The B Sqn page has nothing on this, but the course calendar has a course starting in Sep, I was wondering if anybody out there would know something about this course


----------



## George Wallace (26 Jul 2006)

.....And you are a Communicator?


----------



## radop215 (26 Jul 2006)

of course i am.  just sometimes slower than average.


----------



## navymich (26 Jul 2006)

If you're looking at your 6A's, you must by now know somebody in the system that can give you more information?  And what are you looking for exactly anyway, as you weren't really specific.  What is on the course? When it's actually running? If you are on it?  All of the above?

BTW, not sure if your subject was a play on words with the fact that there is "no anything" about the course around, or you've misspelled it.???  I've changed it for my post....


----------



## George Wallace (26 Jul 2006)

Communicators....  :  I'll change the title from "Does any out there no anything about the upcoming Sig Op QL 6A?"  to "Does anyone out there know anything about the upcoming Sig Op QL 6A?" for you all.   ;D


----------



## navymich (26 Jul 2006)

George Wallace said:
			
		

> Communicators....  :



Thank you.  Yes, we're a special bunch George... ;D


----------



## JSR OP (26 Jul 2006)

navymich said:
			
		

> If you're looking at your 6A's, you must by now know somebody in the system that can give you more information?  And what are you looking for exactly anyway, as you weren't really specific.  What is on the course? When it's actually running? If you are on it?  All of the above?
> 
> BTW, not sure if your subject was a play on words with the fact that there is "no anything" about the course around, or you've misspelled it.???  I've changed it for my post....

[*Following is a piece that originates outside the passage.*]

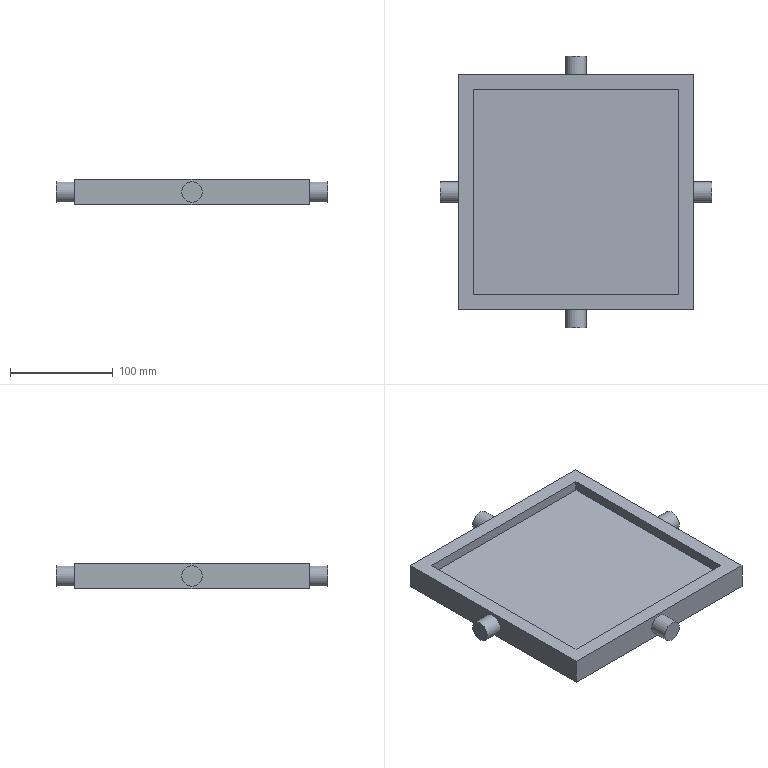Component | NX | MODEL4 | 5 solids | 23 faces | volume 933644 mm3 | plane 19 | cylinder 4 | commonest cylinder face diameters 20 x4

Lets just start off by stating that there hasn't been a SigOp (Rad Op/ Tel Op) 6As Course for some time now, and not many people know much about it other than that it is coming soon.  There have been lots of questions around The Regiment about it, and not too many pers with answers.  That being said, I can understand Why Radop 215 is asking a general question as such.  Nobody really knows....

The worst part being that if anyone did know, they probably wouldn't tell anyone because, and I'm sure you all know this, when it comes to the passage of information amongst your own kind, Signals types are the worst!


----------



## buzgo (26 Jul 2006)

The last thing I heard was that they are still figuring it out. 

There is a rumour going around that they are going to grandfather people in, and they won't have to do it. The last batch of people who got promoted to Sgt were initially "provisional" and it was changed because they haven't got any courses on the radar.

Is the course even relevant at this point? What would even be on it? I haven't touched TCCCS since 1999 and won't touch it in the future either - so I don't need to know how to manage it...


----------



## Radop (26 Jul 2006)

Yes, folks, I did use my contacts and as JSR Op pointed out, there is not much on it even at the school.  By the way, this is a source that I use often for info as some people in this forum are more forthcoming with info.  I wish I could have checked this while out playing in the Sandbox but the system was to slow there.

Any who, all I can find out about it is that the course for the reg force is 15 days and the reserve one is 10 days.  It is suppose to be mainly administrative in nature ie. PDR/PER writing and review, correspondance, mil writing, etc.

As for grandfathered, Sigsguy, you and I are probably not grandfathered.


----------



## radop215 (27 Jul 2006)

I would be in the same boat as you Rad Op.  But this is the first that ive heard of this course being grandfathered.  

It was just a general question, as i know nothing about what is going on in Kingston these days.  Everything seems to be changing and nobody passes the info on.  its really hard to manage troops without knowing their capabilities.  My time in the school was way different than any of my troops.  Some seem to learn more than others, and its simply because the courses keep changing.

I kinda took a left turn there, but any info is good info especially when you know nothing about the subject.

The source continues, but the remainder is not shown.